Maar het opdoen van kennis kost nou eenmaal tijd (en dus ook geld). 
PS: Doe de groeten aan Han.

----------


## paul100

Hoi

Zo Dat loopt nog aardig zo'n form.

Maar wat betreft regel geving (ik moet zeggen dat ik niet een vol leerd rigger ben ,maar electro freak.)

Moet je de wet niet een beetje met een korrelje zout nemen ?????
Als er wat naar beneden donderen, ben je toch altijd cronisch de lul
Dit neemt natuurlijk niet weg dat je al het mogelijke moet doen om het veilig te houden.

Zo is er namelijk een regeltje dat zegt ,"Alle electriche apparatuur dat op het lichtnet is aangesloten moet bij een leeftijd van 4 jaar en ouder getest moet worden op doorslag."

Dit betekent dus dat je bij en 4 jaar oud apparaat met ingebouwde voeding je hem even mag aansluiten op ik meen 50000V
zet de container maar klaar.

Heeft niet veel te maken met rigging, maar het is wel duidelijk dat er geen bedrijf is in nederland die zich volkomen aan de wet houd.


Dit wil natuurlijk niet zeggen dat je lekker kan experimenteren een DMX gestuurde motortakel. of dat je  truss lekker kan overbelasten.

hiermee wil ik alleen zeggen dat ik het belangrijk vind dat je boven de wet je gezond verstand gebruikt.

----------


## jurjen_barel

Maar toch wordt er toch wel met personen in theaters gevlogen, ondanks dat de wet het eigenlijk afkeurt. Voor de kenners onder ons: dat vliegen heet "deus ex machina"

----------


## Barthez

Ik zou in dit geval graag even een parralel zijspoortje op willen gaan:

In de film industrie worden (ook in ons land) al jaaaaaren mensen gevlogen, is de overheid hier ook blind voor en bestaan daar geen regels voor? Of zou elke filmproducent aangeklaagd kunnen worden voor overtreding van de wet?

Of is het zo dat er voor de special effects in de filmindustrie wel richtlijnen zijn opgesteld?
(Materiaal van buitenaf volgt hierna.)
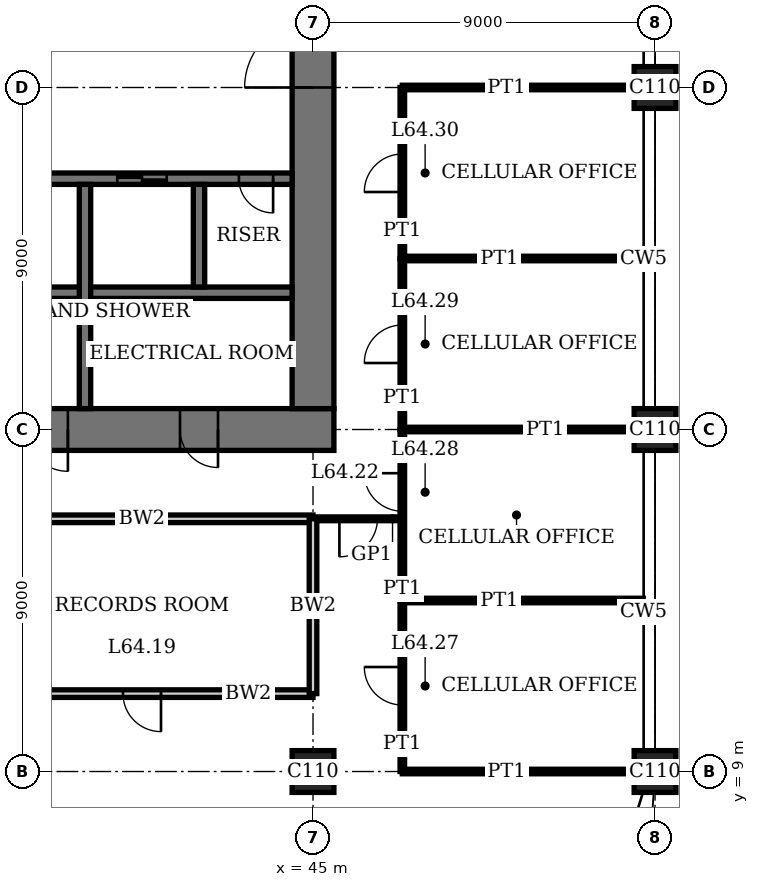
"""IFC4 building model, lengths in metres.
Left out: names, types, materials, properties, quantities, classifications, styles, units other than length and angle.
Written with IfcOpenShell. Run it as: python <this file> out.ifc"""

import sys

from ifc_helpers import new_model, si_unit, direction, frame, frame_2d, origin, origin_2d, place, context, subcontext, project, spatial, rectangle, extrude, element, fill, save


model = new_model("IFC4")
c1 = context("Model", 3, precision=1e-05, world=origin(), true_north=direction((0.0, 1.0)))
c2 = subcontext(c1, "Body", "Model", "MODEL_VIEW")
j1 = project(units=[si_unit("LENGTHUNIT", "METRE"), si_unit("PLANEANGLEUNIT", "RADIAN")], contexts=[c1])
p1 = place(None, origin())
s1 = spatial("IfcSite", under=j1, at=p1, CompositionType="ELEMENT")
p2 = place(p1, origin())
s2 = spatial("IfcBuilding", under=s1, at=p2, CompositionType="ELEMENT")
p3 = place(p2, frame((0.0, 0.0, 263.4)))
s3 = spatial("IfcBuildingStorey", under=s2, at=p3, CompositionType="ELEMENT", Elevation=263.4)
for number, where, z_axis, x_axis in (
    (1, (45.0, 9.0, 0.0), (0.0, 0.0, 1.0), (1.0, 0.0, 0.0)),
    (2, (54.0, 9.0, 0.0), (0.0, 0.0, 1.0), (1.0, 0.0, 0.0)),
    (3, (54.0, 18.0, 0.0), (0.0, 0.0, 1.0), (1.0, 0.0, 0.0)),
    (4, (54.0, 27.0, 0.0), (0.0, 0.0, 1.0), (1.0, 0.0, 0.0)),
):
    element("IfcColumn", number, at=place(p3, frame(where, z_axis=z_axis, x_axis=x_axis)), inside=s3, PredefinedType="COLUMN", context=c2, shape_type="SweptSolid", body=[
        extrude(rectangle(XDim=1.1, YDim=1.1, at=origin_2d()), origin(), (0.0, 0.0, 1.0), 4.0),
    ])
p4 = place(p3, frame((17.45, 18.0, 0.0), z_axis=(0.0, 0.0, 1.0), x_axis=(1.0, 0.0, 0.0)))
e5 = element("IfcWall", 5, at=p4, inside=s3, PredefinedType="SHEAR", context=c2, shape_type="SweptSolid", body=[
    extrude(rectangle(XDim=28.1, YDim=1.1, at=frame_2d((14.05, 0.0))), origin(), (0.0, 0.0, 1.0), 4.0),
])
p5 = place(p4, frame((11.55, 0.0, 0.0)))
e6 = element("IfcOpeningElement", 6, at=p5, cuts=e5, PredefinedType="OPENING", context=c2, shape_type="SweptSolid", body=[
    extrude(rectangle(XDim=1.0, YDim=2.4, at=frame_2d((0.5, 1.2))), frame((0.0, 0.56, 0.0), z_axis=(0.0, -1.0, 0.0), x_axis=(1.0, 0.0, 0.0)), (0.0, 0.0, 1.0), 1.12),
])
p6 = place(p4, frame((16.55, 0.0, 0.0)))
e7 = element("IfcOpeningElement", 7, at=p6, cuts=e5, PredefinedType="OPENING", context=c2, shape_type="SweptSolid", body=[
    extrude(rectangle(XDim=1.0, YDim=2.4, at=frame_2d((0.5, 1.2))), frame((0.0, 0.56, 0.0), z_axis=(0.0, -1.0, 0.0), x_axis=(1.0, 0.0, 0.0)), (0.0, 0.0, 1.0), 1.12),
])
p7 = place(p4, frame((20.0, 0.0, 0.0)))
e8 = element("IfcOpeningElement", 8, at=p7, cuts=e5, PredefinedType="OPENING", context=c2, shape_type="SweptSolid", body=[
    extrude(rectangle(XDim=1.1, YDim=2.4, at=frame_2d((0.55, 1.2))), frame((0.0, 0.56, 0.0), z_axis=(0.0, -1.0, 0.0), x_axis=(1.0, 0.0, 0.0)), (0.0, 0.0, 1.0), 1.12),
])
p8 = place(p4, frame((24.05, 0.0, 0.0)))
e9 = element("IfcOpeningElement", 9, at=p8, cuts=e5, PredefinedType="OPENING", context=c2, shape_type="SweptSolid", body=[
    extrude(rectangle(XDim=1.0, YDim=2.4, at=frame_2d((0.5, 1.2))), frame((0.0, 0.56, 0.0), z_axis=(0.0, -1.0, 0.0), x_axis=(1.0, 0.0, 0.0)), (0.0, 0.0, 1.0), 1.12),
])
p9 = place(p3, frame((45.0, 18.55, 0.0), z_axis=(0.0, 0.0, 1.0), x_axis=(0.0, 1.0, 0.0)))
e10 = element("IfcWall", 10, at=p9, inside=s3, PredefinedType="SHEAR", context=c2, shape_type="SweptSolid", body=[
    extrude(rectangle(XDim=16.9, YDim=1.1, at=frame_2d((8.45, 0.0))), origin(), (0.0, 0.0, 1.0), 4.0),
])
p10 = place(p9, frame((8.45, 0.0, 0.0)))
e11 = element("IfcOpeningElement", 11, at=p10, cuts=e10, PredefinedType="OPENING", context=c2, shape_type="SweptSolid", body=[
    extrude(rectangle(XDim=1.8, YDim=2.4, at=frame_2d((0.9, 1.2))), frame((0.0, 0.56, 0.0), z_axis=(0.0, -1.0, 0.0), x_axis=(1.0, 0.0, 0.0)), (0.0, 0.0, 1.0), 1.12),
])
p11 = place(p3, frame((18.55, 24.6, 0.0), z_axis=(0.0, 0.0, 1.0), x_axis=(1.0, 0.0, 0.0)))
e12 = element("IfcWall", 12, at=p11, inside=s3, PredefinedType="SHEAR", context=c2, shape_type="SweptSolid", body=[
    extrude(rectangle(XDim=25.9, YDim=0.3, at=frame_2d((12.95, 0.0))), origin(), (0.0, 0.0, 1.0), 4.0),
])
p12 = place(p11, frame((4.95, 0.0, 0.0)))
e13 = element("IfcOpeningElement", 13, at=p12, cuts=e12, PredefinedType="OPENING", context=c2, shape_type="SweptSolid", body=[
    extrude(rectangle(XDim=1.0, YDim=2.4, at=frame_2d((0.5, 1.2))), frame((0.0, 0.16, 0.0), z_axis=(0.0, -1.0, 0.0), x_axis=(1.0, 0.0, 0.0)), (0.0, 0.0, 1.0), 0.32),
])
p13 = place(p11, frame((24.5, 0.0, 0.0)))
e14 = element("IfcOpeningElement", 14, at=p13, cuts=e12, PredefinedType="OPENING", context=c2, shape_type="SweptSolid", body=[
    extrude(rectangle(XDim=0.9, YDim=2.1, at=frame_2d((0.45, 1.05))), frame((0.0, 0.16, 0.0), z_axis=(0.0, -1.0, 0.0), x_axis=(1.0, 0.0, 0.0)), (0.0, 0.0, 1.0), 0.32),
])
p14 = place(p11, frame((9.4, 0.0, 0.0)))
e15 = element("IfcOpeningElement", 15, at=p14, cuts=e12, PredefinedType="OPENING", context=c2, shape_type="SweptSolid", body=[
    extrude(rectangle(XDim=1.1, YDim=2.4, at=frame_2d((0.55, 1.2))), frame((0.0, 0.16, 0.0), z_axis=(0.0, -1.0, 0.0), x_axis=(1.0, 0.0, 0.0)), (0.0, 0.0, 1.0), 0.32),
])
p15 = place(p11, frame((12.4, 0.0, 0.0)))
e16 = element("IfcOpeningElement", 16, at=p15, cuts=e12, PredefinedType="OPENING", context=c2, shape_type="SweptSolid", body=[
    extrude(rectangle(XDim=1.1, YDim=2.4, at=frame_2d((0.55, 1.2))), frame((0.0, 0.16, 0.0), z_axis=(0.0, -1.0, 0.0), x_axis=(1.0, 0.0, 0.0)), (0.0, 0.0, 1.0), 0.32),
])
p16 = place(p11, frame((15.4, 0.0, 0.0)))
e17 = element("IfcOpeningElement", 17, at=p16, cuts=e12, PredefinedType="OPENING", context=c2, shape_type="SweptSolid", body=[
    extrude(rectangle(XDim=1.1, YDim=2.4, at=frame_2d((0.55, 1.2))), frame((0.0, 0.16, 0.0), z_axis=(0.0, -1.0, 0.0), x_axis=(1.0, 0.0, 0.0)), (0.0, 0.0, 1.0), 0.32),
])
p17 = place(p11, frame((18.4, 0.0, 0.0)))
e18 = element("IfcOpeningElement", 18, at=p17, cuts=e12, PredefinedType="OPENING", context=c2, shape_type="SweptSolid", body=[
    extrude(rectangle(XDim=1.1, YDim=2.4, at=frame_2d((0.55, 1.2))), frame((0.0, 0.16, 0.0), z_axis=(0.0, -1.0, 0.0), x_axis=(1.0, 0.0, 0.0)), (0.0, 0.0, 1.0), 0.32),
])
p18 = place(p11, frame((21.3, 0.0, 0.0)))
e19 = element("IfcOpeningElement", 19, at=p18, cuts=e12, PredefinedType="OPENING", context=c2, shape_type="SweptSolid", body=[
    extrude(rectangle(XDim=1.3, YDim=2.4, at=frame_2d((0.65, 1.2))), frame((0.0, 0.16, 0.0), z_axis=(0.0, -1.0, 0.0), x_axis=(1.0, 0.0, 0.0)), (0.0, 0.0, 1.0), 0.32),
])
p19 = place(p3, frame((27.15, 21.6, 0.0), z_axis=(0.0, 0.0, 1.0), x_axis=(1.0, 0.0, 0.0)))
e20 = element("IfcWall", 20, at=p19, inside=s3, PredefinedType="SHEAR", context=c2, shape_type="SweptSolid", body=[
    extrude(rectangle(XDim=17.3, YDim=0.3, at=frame_2d((8.65, 0.0))), origin(), (0.0, 0.0, 1.0), 4.0),
])
p20 = place(p3, frame((39.0, 18.55, 0.0), z_axis=(0.0, 0.0, 1.0), x_axis=(0.0, 1.0, 0.0)))
e21 = element("IfcWall", 21, at=p20, inside=s3, PredefinedType="SHEAR", context=c2, shape_type="SweptSolid", body=[
    extrude(rectangle(XDim=5.9, YDim=0.3, at=frame_2d((2.95, 0.0))), origin(), (0.0, 0.0, 1.0), 4.0),
])
p21 = place(p3, frame((42.0, 21.75, 0.0), z_axis=(0.0, 0.0, 1.0), x_axis=(0.0, 1.0, 0.0)))
e22 = element("IfcWall", 22, at=p21, inside=s3, PredefinedType="SHEAR", context=c2, shape_type="SweptSolid", body=[
    extrude(rectangle(XDim=2.7, YDim=0.3, at=frame_2d((1.35, 0.0))), origin(), (0.0, 0.0, 1.0), 4.0),
])
p22 = place(p3, frame((47.35, 9.0, 0.0), z_axis=(0.0, 0.0, 1.0), x_axis=(1.0, 0.0, 0.0)))
e23 = element("IfcWall", 23, at=p22, inside=s3, PredefinedType="PARTITIONING", context=c2, shape_type="SweptSolid", body=[
    extrude(rectangle(XDim=6.1, YDim=0.12, at=frame_2d((3.05, 0.0))), origin(), (0.0, 0.0, 1.0), 3.05),
])
p23 = place(p3, frame((36.0, 11.05, 0.0), z_axis=(0.0, 0.0, 1.0), x_axis=(1.0, 0.0, 0.0)))
e24 = element("IfcWall", 24, at=p23, inside=s3, PredefinedType="SOLIDWALL", context=c2, shape_type="SweptSolid", body=[
    extrude(rectangle(XDim=9.0, YDim=0.2, at=frame_2d((4.5, 0.0))), origin(), (0.0, 0.0, 1.0), 3.75),
])
p24 = place(p23, frame((4.0, 0.0, 0.0)))
e25 = element("IfcOpeningElement", 25, at=p24, cuts=e24, PredefinedType="OPENING", context=c2, shape_type="SweptSolid", body=[
    extrude(rectangle(XDim=1.0, YDim=2.4, at=frame_2d((0.5, 1.2))), frame((0.0, 0.11, 0.0), z_axis=(0.0, -1.0, 0.0), x_axis=(1.0, 0.0, 0.0)), (0.0, 0.0, 1.0), 0.22),
])
p25 = place(p3, frame((47.35, 13.5, 0.0), z_axis=(0.0, 0.0, 1.0), x_axis=(1.0, 0.0, 0.0)))
e26 = element("IfcWall", 26, at=p25, inside=s3, PredefinedType="PARTITIONING", context=c2, shape_type="SweptSolid", body=[
    extrude(rectangle(XDim=6.34, YDim=0.12, at=frame_2d((3.17, 0.0))), origin(), (0.0, 0.0, 1.0), 3.1),
])
p26 = place(p3, frame((36.0, 15.65, 0.0), z_axis=(0.0, 0.0, 1.0), x_axis=(1.0, 0.0, 0.0)))
e27 = element("IfcWall", 27, at=p26, inside=s3, PredefinedType="SOLIDWALL", context=c2, shape_type="SweptSolid", body=[
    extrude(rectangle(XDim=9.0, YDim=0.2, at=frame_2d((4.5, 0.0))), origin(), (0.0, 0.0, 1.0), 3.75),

Weet iemand hier antwoord op, of valt de filmindustrie ook onder het entertainment waar wij ons mee bezig plachten te houden?

----------


## Kevin_DM

Ik weet niet welke richtlijnen er in de filmbusiness gevolgd worden, maar het is wel duidelijk dat de zgn stuntmannen daar een boel zaken doen die volgens mij met geen enkele wet- of regelgeving in orde zijn, en puur op eigen risico geschieden.

----------


## Thomaz

De enige relevante wettelijke regelgeving in Nederland is voor zover mij bekend (!), datgene wat Rinus al in deze topic aangehaald heeft.

Thomaz.

----------


## splash

Wordt onder hijsen alleen verstaan ophangen aan "beweegbare middelen" zoals takels en lieren of ook iets wat "vast" hangt aan bijvoorbeeld ketting of steels??

----------


## Kevin_DM

> citaat:_Geplaatst door splash_
> 
> Wordt onder hijsen alleen verstaan ophangen aan "beweegbare middelen" zoals takels en lieren of ook iets wat "vast" hangt aan bijvoorbeeld ketting of steels??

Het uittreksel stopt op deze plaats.